Go for the Outback! We love our 28krs


----------



## mandy1 (Mar 26, 2006)

The rear slide mechanism on the KZ while very unique and quite functional also gets in the way. With the Outback version you can put things, such as bikes and chairs easily under it to keep them out of the rain. Also, the Outback version allows more room for clearance of low lying objects at the rear of the pad, such as tree stumps, with the KZ slide design the entire slide zone must be free from all obstructions from side to side and as far back as the bed slides out. 
I believe the Outback also has bigger tank capacities, fresh, balck, grey and Lpg.

The two year warranty could come in handy, but it ultimately comes down to want you believe is the best
unit for you and your family after considering all of the information at hand.


----------



## hyewalt34 (May 9, 2004)

"room for clearance of low lying objects at the rear of the pad, such as tree stumps, with the KZ slide design the entire slide zone must be free from all obstructions from side to side and as far back as the bed slides out."

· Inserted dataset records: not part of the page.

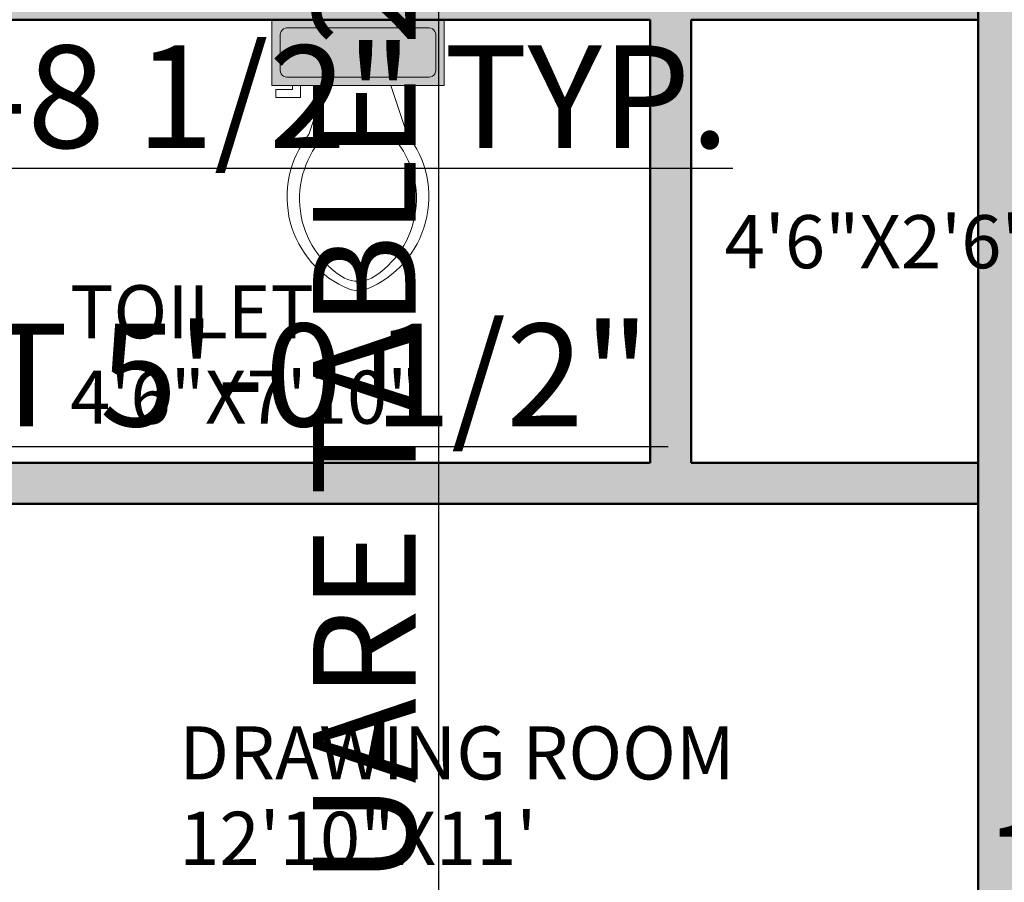
# Model space of a CAD drawing. Units: inches. Extents: x 2419 to 2878, y 1068 to 1713.
# Tile 12 of 20: x 2655 to 2775, y 1304 to 1409. Entities that reach past the tile are written whole.
import ezdxf

# ---------------------------------------------------------------- set-up
doc = ezdxf.new("R2010")
doc.units = ezdxf.units.IN
for name, color, linetype, lineweight in [('A-ANNO-DIMS', 2, 'Continuous', 18), ('A-AREA-IDEN', 7, 'Continuous', 18), ('A-FLOR-FIXT', 8, 'Continuous', 18), ('A-FLOR-PRKG-PATT', 1, 'Continuous', 13), ('A-FURN-PATT', 254, 'Continuous', 13), ('A-WALL', 7, 'Continuous', 50)]:
    doc.layers.add(name, color=color, linetype=linetype, lineweight=lineweight)
doc.layers.add('A-FLOR-FIXT-PATT', color=254, linetype='Continuous', lineweight=13, true_color=0xd7ebd2)
doc.layers.add('A-WALL-PATT', color=18, linetype='Continuous', lineweight=13, true_color=0x000000)
doc.styles.get("Standard").update_dxf_attribs({"font": 'arial.ttf'})
doc.dimstyles.new('ISO-25', dxfattribs={"dimtxt": 12.5, "dimasz": 2.5, "dimexe": 1.25, "dimexo": 0.625, "dimtad": 1, "dimdec": 0, "dimlunit": 4, "dimtxsty": 'Standard', "dimblk": 'ARCHTICK', "dimcen": 2.5, "dimse1": 1, "dimse2": 1, "dimclrd": 4, "dimadec": 0, "dimazin": 0, "dimtfac": 1, "dimtdec": 0, "dimtmove": 0, "dimatfit": 3, "dimfxl": 1, "dimarcsym": 0})

# ---------------------------------------------------------------- blocks, each defined once
blk = doc.blocks.new('*U5')
for p, q in [((9.5, -6), (9.5, -2)), ((-8, -8.5), (-8, -8)), ((-7, -8), (-7, -9.5)), ((-4, -8), (-6, -14)), ((4, -8), (6, -14)), ((-10, -8.5), (-8, -8.5)), ((-10, -9.5), (-10, -8.5)), ((-7, -9.5), (-10, -9.5)), ((4, -14), (-4, -14))]:
    blk.add_line(p, q)
blk.add_lwpolyline([(10.5, -8), (10.5, 0), (-10.5, 0), (-10.5, -8)], close=True)
for points in [[(8.5, -1), (-8.5, -1)], [(-9.5, -2), (-9.5, -6)], [(-8.5, -7), (8.5, -7)]]:
    blk.add_lwpolyline(points)
for centre, radius, start, end in [((-8.62, -1.88), 0.884, 81.8699, 188.1301), ((8.62, -1.88), 0.884, 351.8699, 98.1301), ((-8.62, -6.12), 0.884, 171.8699, 278.1301), ((8.62, -6.12), 0.884, 261.8699, 8.1301), ((3.52, -21.58), 12.17, 141.4691, 247.9714), ((4.2, -21.82), 11.33, 136.3677, 238.9468), ((-3.52, -21.58), 12.17, 292.0284, 38.5307), ((-4.2, -21.82), 11.33, 301.053, 43.6321), ((0, -27.88), 4, 245.7318, 294.2682), ((0, -29), 4, 254.8605, 285.1395)]:
    blk.add_arc(centre, radius, start, end)
blk = doc.blocks.new('_ArchTick')
at = {"color": 0, "linetype": 'ByBlock', "const_width": 0.15}
blk.add_lwpolyline([(-0.5, -0.5), (0.5, 0.5)], dxfattribs=at)
blk = doc.blocks.new('*D19')
at = {"layer": 'A-ANNO-DIMS', "color": 4, "lineweight": -2, "transparency": 16777216}
for p, q in [((2752.42, 1296.14), (2769.76, 1296.14)), ((2769.76, 1296.14), (2877.65, 1296.14))]:
    blk.add_line(p, q, dxfattribs=at)
at = {"layer": 'Defpoints', "color": 0, "transparency": 16777216}
for p in [(2769.76, 1296.14), (2752.42, 1292.99), (2769.76, 1292.99)]:
    blk.add_point(p, dxfattribs=at)
at = {"layer": 'A-ANNO-DIMS', "color": 4, "lineweight": -2, "transparency": 16777216, "xscale": 2.5, "yscale": 2.5, "zscale": 2.5, "rotation": 180}
blk.add_blockref('_ArchTick', (2752.42, 1296.14), dxfattribs=at)
at = {"layer": 'A-ANNO-DIMS', "color": 4, "lineweight": -2, "transparency": 16777216, "xscale": 2.5, "yscale": 2.5, "zscale": 2.5}
blk.add_blockref('_ArchTick', (2769.76, 1296.14), dxfattribs=at)
at = {"layer": 'A-ANNO-DIMS', "color": 0, "transparency": 16777216, "insert": (2824.95, 1303.22), "char_height": 12.5, "attachment_point": 5}
blk.add_mtext('1\'-5 1/2" TYP.', dxfattribs=at)
blk = doc.blocks.new('*D21')
at = {"layer": 'A-ANNO-DIMS', "color": 4, "lineweight": -2, "transparency": 16777216}
for p, q in [((2624.02, 1390.72), (2632.51, 1390.72)), ((2632.51, 1390.72), (2741.59, 1390.72))]:
    blk.add_line(p, q, dxfattribs=at)
at = {"layer": 'Defpoints', "color": 0, "transparency": 16777216}
for p in [(2624.02, 1392.52), (2632.51, 1392.52), (2632.51, 1390.72)]:
    blk.add_point(p, dxfattribs=at)
at = {"layer": 'A-ANNO-DIMS', "color": 4, "lineweight": -2, "transparency": 16777216, "xscale": 2.5, "yscale": 2.5, "zscale": 2.5, "rotation": 180}
blk.add_blockref('_ArchTick', (2624.02, 1390.72), dxfattribs=at)
at = {"layer": 'A-ANNO-DIMS', "color": 4, "lineweight": -2, "transparency": 16777216, "xscale": 2.5, "yscale": 2.5, "zscale": 2.5}
blk.add_blockref('_ArchTick', (2632.51, 1390.72), dxfattribs=at)
at = {"layer": 'A-ANNO-DIMS', "color": 0, "transparency": 16777216, "insert": (2688.3, 1397.81), "char_height": 12.5, "attachment_point": 5}
blk.add_mtext('0\'-8 1/2" TYP.', dxfattribs=at)
blk = doc.blocks.new('*D26')
at = {"layer": 'A-ANNO-DIMS', "color": 4, "lineweight": -2, "transparency": 16777216}
for p, q in [((2502.77, 1356.79), (2563.46, 1356.79)), ((2563.46, 1356.79), (2733.72, 1356.79))]:
    blk.add_line(p, q, dxfattribs=at)
at = {"layer": 'Defpoints', "color": 0, "transparency": 16777216}
for p in [(2563.46, 1356.79), (2502.77, 1347.69), (2563.46, 1347.69)]:
    blk.add_point(p, dxfattribs=at)
at = {"layer": 'A-ANNO-DIMS', "color": 4, "lineweight": -2, "transparency": 16777216, "xscale": 2.5, "yscale": 2.5, "zscale": 2.5, "rotation": 180}
blk.add_blockref('_ArchTick', (2502.77, 1356.79), dxfattribs=at)
at = {"layer": 'A-ANNO-DIMS', "color": 4, "lineweight": -2, "transparency": 16777216, "xscale": 2.5, "yscale": 2.5, "zscale": 2.5}
blk.add_blockref('_ArchTick', (2563.46, 1356.79), dxfattribs=at)
at = {"layer": 'A-ANNO-DIMS', "color": 0, "transparency": 16777216, "insert": (2649.84, 1363.88), "char_height": 12.5, "attachment_point": 5}
blk.add_mtext('DINING SET 5\'-0 1/2"', dxfattribs=at)
blk = doc.blocks.new('*D32')
at = {"layer": 'A-ANNO-DIMS', "color": 4, "lineweight": -2, "transparency": 16777216}
for p, q in [((2705.74, 1272.77), (2705.74, 1458.17)), ((2705.74, 1238.68), (2705.74, 1272.77))]:
    blk.add_line(p, q, dxfattribs=at)
at = {"layer": 'Defpoints', "color": 0, "transparency": 16777216}
for p in [(2705.74, 1272.77), (2710.85, 1272.77), (2710.85, 1238.68)]:
    blk.add_point(p, dxfattribs=at)
at = {"layer": 'A-ANNO-DIMS', "color": 4, "lineweight": -2, "transparency": 16777216, "xscale": 2.5, "yscale": 2.5, "zscale": 2.5}
for p, rotation in [((2705.74, 1272.77), 90), ((2705.74, 1238.68), 270)]:
    blk.add_blockref('_ArchTick', p, dxfattribs=dict(at, rotation=rotation))
at = {"layer": 'A-ANNO-DIMS', "color": 0, "transparency": 16777216, "insert": (2698.27, 1366.72), "char_height": 12.5, "attachment_point": 5, "rotation": 90}
blk.add_mtext('SQUARE TABLE 2\'-10"', dxfattribs=at)
blk = doc.blocks.new('*D36')
at = {"layer": 'A-ANNO-DIMS', "color": 4, "lineweight": -2, "transparency": 16777216}
blk.add_line((2656.74, 1605.01), (2736.32, 1605.01), dxfattribs=at)
at = {"layer": 'Defpoints', "color": 0, "transparency": 16777216}
for p in [(2736.32, 1605.01), (2656.74, 1205.81), (2736.32, 1205.81)]:
    blk.add_point(p, dxfattribs=at)
at = {"layer": 'A-ANNO-DIMS', "color": 4, "lineweight": -2, "transparency": 16777216, "xscale": 2.5, "yscale": 2.5, "zscale": 2.5, "rotation": 180}
blk.add_blockref('_ArchTick', (2656.74, 1605.01), dxfattribs=at)
at = {"layer": 'A-ANNO-DIMS', "color": 4, "lineweight": -2, "transparency": 16777216, "xscale": 2.5, "yscale": 2.5, "zscale": 2.5}
blk.add_blockref('_ArchTick', (2736.32, 1605.01), dxfattribs=at)
at = {"layer": 'A-ANNO-DIMS', "color": 0, "transparency": 16777216, "insert": (2696.53, 1612.1), "char_height": 12.5, "attachment_point": 5}
blk.add_mtext('6\'-7 1/2"', dxfattribs=at)
blk = doc.blocks.new('*D37')
at = {"layer": 'A-ANNO-DIMS', "color": 4, "lineweight": -2, "transparency": 16777216}
for p, q in [((2736.32, 1605.01), (2771.51, 1605.01)), ((2771.51, 1605.01), (2818.42, 1605.01))]:
    blk.add_line(p, q, dxfattribs=at)
at = {"layer": 'Defpoints', "color": 0, "transparency": 16777216}
for p in [(2771.51, 1605.01), (2736.32, 1205.81), (2771.51, 1205.81)]:
    blk.add_point(p, dxfattribs=at)
at = {"layer": 'A-ANNO-DIMS', "color": 4, "lineweight": -2, "transparency": 16777216, "xscale": 2.5, "yscale": 2.5, "zscale": 2.5, "rotation": 180}
blk.add_blockref('_ArchTick', (2736.32, 1605.01), dxfattribs=at)
at = {"layer": 'A-ANNO-DIMS', "color": 4, "lineweight": -2, "transparency": 16777216, "xscale": 2.5, "yscale": 2.5, "zscale": 2.5}
blk.add_blockref('_ArchTick', (2771.51, 1605.01), dxfattribs=at)
at = {"layer": 'A-ANNO-DIMS', "color": 0, "transparency": 16777216, "insert": (2796.22, 1611.91), "char_height": 12.5, "attachment_point": 5}
blk.add_mtext('2\'-11"', dxfattribs=at)
blk = doc.blocks.new('*D39')
at = {"layer": 'A-ANNO-DIMS', "color": 4, "lineweight": -2, "transparency": 16777216}
for p, q in [((2662.74, 1605.01), (2668.59, 1605.01)), ((2668.59, 1605.01), (2705.56, 1605.01))]:
    blk.add_line(p, q, dxfattribs=at)
at = {"layer": 'Defpoints', "color": 0, "transparency": 16777216}
for p in [(2668.59, 1605.01), (2662.74, 1165.6), (2668.59, 1165.6)]:
    blk.add_point(p, dxfattribs=at)
at = {"layer": 'A-ANNO-DIMS', "color": 4, "lineweight": -2, "transparency": 16777216, "xscale": 2.5, "yscale": 2.5, "zscale": 2.5, "rotation": 180}
blk.add_blockref('_ArchTick', (2662.74, 1605.01), dxfattribs=at)
at = {"layer": 'A-ANNO-DIMS', "color": 4, "lineweight": -2, "transparency": 16777216, "xscale": 2.5, "yscale": 2.5, "zscale": 2.5}
blk.add_blockref('_ArchTick', (2668.59, 1605.01), dxfattribs=at)
at = {"layer": 'A-ANNO-DIMS', "color": 0, "transparency": 16777216, "insert": (2688.32, 1612.02), "char_height": 12.5, "attachment_point": 5}
blk.add_mtext('0\'-6"', dxfattribs=at)
blk = doc.blocks.new('*D45')
at = {"layer": 'A-ANNO-DIMS', "color": 4, "lineweight": -2, "transparency": 16777216}
for p, q in [((2596.57, 1079.92), (2625.09, 1079.92)), ((2625.09, 1079.92), (2691.41, 1079.92))]:
    blk.add_line(p, q, dxfattribs=at)
at = {"layer": 'Defpoints', "color": 0, "transparency": 16777216}
for p in [(2596.57, 1408.81), (2625.09, 1408.81), (2625.09, 1079.92)]:
    blk.add_point(p, dxfattribs=at)
at = {"layer": 'A-ANNO-DIMS', "color": 4, "lineweight": -2, "transparency": 16777216, "xscale": 2.5, "yscale": 2.5, "zscale": 2.5, "rotation": 180}
blk.add_blockref('_ArchTick', (2596.57, 1079.92), dxfattribs=at)
at = {"layer": 'A-ANNO-DIMS', "color": 4, "lineweight": -2, "transparency": 16777216, "xscale": 2.5, "yscale": 2.5, "zscale": 2.5}
blk.add_blockref('_ArchTick', (2625.09, 1079.92), dxfattribs=at)
at = {"layer": 'A-ANNO-DIMS', "color": 0, "transparency": 16777216, "insert": (2659.5, 1087.01), "char_height": 12.5, "attachment_point": 5}
blk.add_mtext('2\'-4 1/2"', dxfattribs=at)
blk = doc.blocks.new('*D51')
at = {"layer": 'A-ANNO-DIMS', "color": 4, "lineweight": -2, "transparency": 16777216}
for p, q in [((2738.51, 1079.92), (2771.51, 1079.92)), ((2771.51, 1079.92), (2808.71, 1079.92))]:
    blk.add_line(p, q, dxfattribs=at)
at = {"layer": 'Defpoints', "color": 0, "transparency": 16777216}
for p in [(2738.51, 1447.89), (2771.51, 1437.39), (2771.51, 1079.92)]:
    blk.add_point(p, dxfattribs=at)
at = {"layer": 'A-ANNO-DIMS', "color": 4, "lineweight": -2, "transparency": 16777216, "xscale": 2.5, "yscale": 2.5, "zscale": 2.5, "rotation": 180}
blk.add_blockref('_ArchTick', (2738.51, 1079.92), dxfattribs=at)
at = {"layer": 'A-ANNO-DIMS', "color": 4, "lineweight": -2, "transparency": 16777216, "xscale": 2.5, "yscale": 2.5, "zscale": 2.5}
blk.add_blockref('_ArchTick', (2771.51, 1079.92), dxfattribs=at)
at = {"layer": 'A-ANNO-DIMS', "color": 0, "transparency": 16777216, "insert": (2791.36, 1086.93), "char_height": 12.5, "attachment_point": 5}
blk.add_mtext('2\'-9"', dxfattribs=at)
blk = doc.blocks.new('*D53')
at = {"layer": 'A-ANNO-DIMS', "color": 4, "lineweight": -2, "transparency": 16777216}
for p, q in [((2638.79, 1605.01), (2667.31, 1605.01)), ((2667.31, 1605.01), (2733.63, 1605.01))]:
    blk.add_line(p, q, dxfattribs=at)
at = {"layer": 'Defpoints', "color": 0, "transparency": 16777216}
for p in [(2667.31, 1605.01), (2638.79, 1217.38), (2667.31, 1217.38)]:
    blk.add_point(p, dxfattribs=at)
at = {"layer": 'A-ANNO-DIMS', "color": 4, "lineweight": -2, "transparency": 16777216, "xscale": 2.5, "yscale": 2.5, "zscale": 2.5, "rotation": 180}
blk.add_blockref('_ArchTick', (2638.79, 1605.01), dxfattribs=at)
at = {"layer": 'A-ANNO-DIMS', "color": 4, "lineweight": -2, "transparency": 16777216, "xscale": 2.5, "yscale": 2.5, "zscale": 2.5}
blk.add_blockref('_ArchTick', (2667.31, 1605.01), dxfattribs=at)
at = {"layer": 'A-ANNO-DIMS', "color": 0, "transparency": 16777216, "insert": (2701.72, 1612.1), "char_height": 12.5, "attachment_point": 5}
blk.add_mtext('2\'-4 1/2"', dxfattribs=at)
blk = doc.blocks.new('*D61')
at = {"layer": 'A-ANNO-DIMS', "color": 4, "lineweight": -2, "transparency": 16777216}
blk.add_line((2730.51, 1079.92), (2771.51, 1079.92), dxfattribs=at)
at = {"layer": 'Defpoints', "color": 0, "transparency": 16777216}
for p in [(2730.51, 1414.81), (2771.51, 1414.81), (2771.51, 1079.92)]:
    blk.add_point(p, dxfattribs=at)
at = {"layer": 'A-ANNO-DIMS', "color": 4, "lineweight": -2, "transparency": 16777216, "xscale": 2.5, "yscale": 2.5, "zscale": 2.5, "rotation": 180}
blk.add_blockref('_ArchTick', (2730.51, 1079.92), dxfattribs=at)
at = {"layer": 'A-ANNO-DIMS', "color": 4, "lineweight": -2, "transparency": 16777216, "xscale": 2.5, "yscale": 2.5, "zscale": 2.5}
blk.add_blockref('_ArchTick', (2771.51, 1079.92), dxfattribs=at)
at = {"layer": 'A-ANNO-DIMS', "color": 0, "transparency": 16777216, "insert": (2751.01, 1086.94), "char_height": 12.5, "attachment_point": 5}
blk.add_mtext('3\'-5"', dxfattribs=at)

msp = doc.modelspace()

# ---------------------------------------------------------------- hatches: boundary and pattern name
at = {"layer": 'A-FLOR-FIXT-PATT'}
h = msp.add_hatch(color=256, dxfattribs=at)
h.dxf.hatch_style = 1
h.paths.add_polyline_path([(2705.38, 1406.81, 0.5), (2704.38, 1407.81), (2687.38, 1407.81, 0.5), (2686.38, 1406.81), (2686.38, 1402.81, 0.5), (2687.38, 1401.81), (2704.38, 1401.81, 0.5), (2705.38, 1402.81)])
h.paths.add_polyline_path([(2770.51, 1456.39, 0.5), (2769.51, 1457.39), (2765.51, 1457.39, 0.5), (2764.51, 1456.39), (2764.51, 1439.39, 0.5), (2765.51, 1438.39), (2769.51, 1438.39, 0.5), (2770.51, 1439.39)])
h.paths.add_polyline_path([(2641.68, 1567.61), (2662.48, 1567.61), (2662.48, 1554.41), (2664.88, 1554.41), (2664.88, 1567.61), (2685.68, 1567.61), (2685.68, 1552.41), (2680.48, 1552.41), (2693.68, 1539.21), (2693.68, 1568.81), (2633.68, 1568.81), (2633.68, 1554.41), (2641.68, 1554.41)])
h.paths.add_polyline_path([(2678.48, 1554.41), (2678.48, 1539.21), (2693.68, 1539.21)], flags=17)
h = msp.add_hatch(color=256, dxfattribs=at)
h.dxf.hatch_style = 1
h.paths.add_polyline_path([(2771.51, 1458.39), (2763.51, 1458.39), (2763.51, 1437.39), (2771.51, 1437.39)])
h.paths.add_polyline_path([(2770.51, 1456.39, 0.5), (2769.51, 1457.39), (2765.51, 1457.39, 0.5), (2764.51, 1456.39), (2764.51, 1439.39, 0.5), (2765.51, 1438.39), (2769.51, 1438.39, 0.5), (2770.51, 1439.39)], flags=16)
h.paths.add_polyline_path([(2706.38, 1408.81), (2685.38, 1408.81), (2685.38, 1400.81), (2706.38, 1400.81)])
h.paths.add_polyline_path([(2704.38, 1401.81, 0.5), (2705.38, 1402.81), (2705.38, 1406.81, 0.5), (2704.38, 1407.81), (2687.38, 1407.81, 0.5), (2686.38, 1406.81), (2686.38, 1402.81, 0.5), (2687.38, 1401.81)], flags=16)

This would kill it for me.








I can't tell you how many spaces I've been in where I'm backed up over the end of the space!

Walter


----------



## Scott and Jamie (Aug 27, 2006)

We looked at the Kz's (thought they were very cheap looking and built), Looked at alot of various camp trailers.....spent endless nights searching the web.....Driving too many times 75+ miles oneway to look at all of the different TT we could find....Then we went and purchased our Outback

Scott


----------



## MaeJae (May 12, 2005)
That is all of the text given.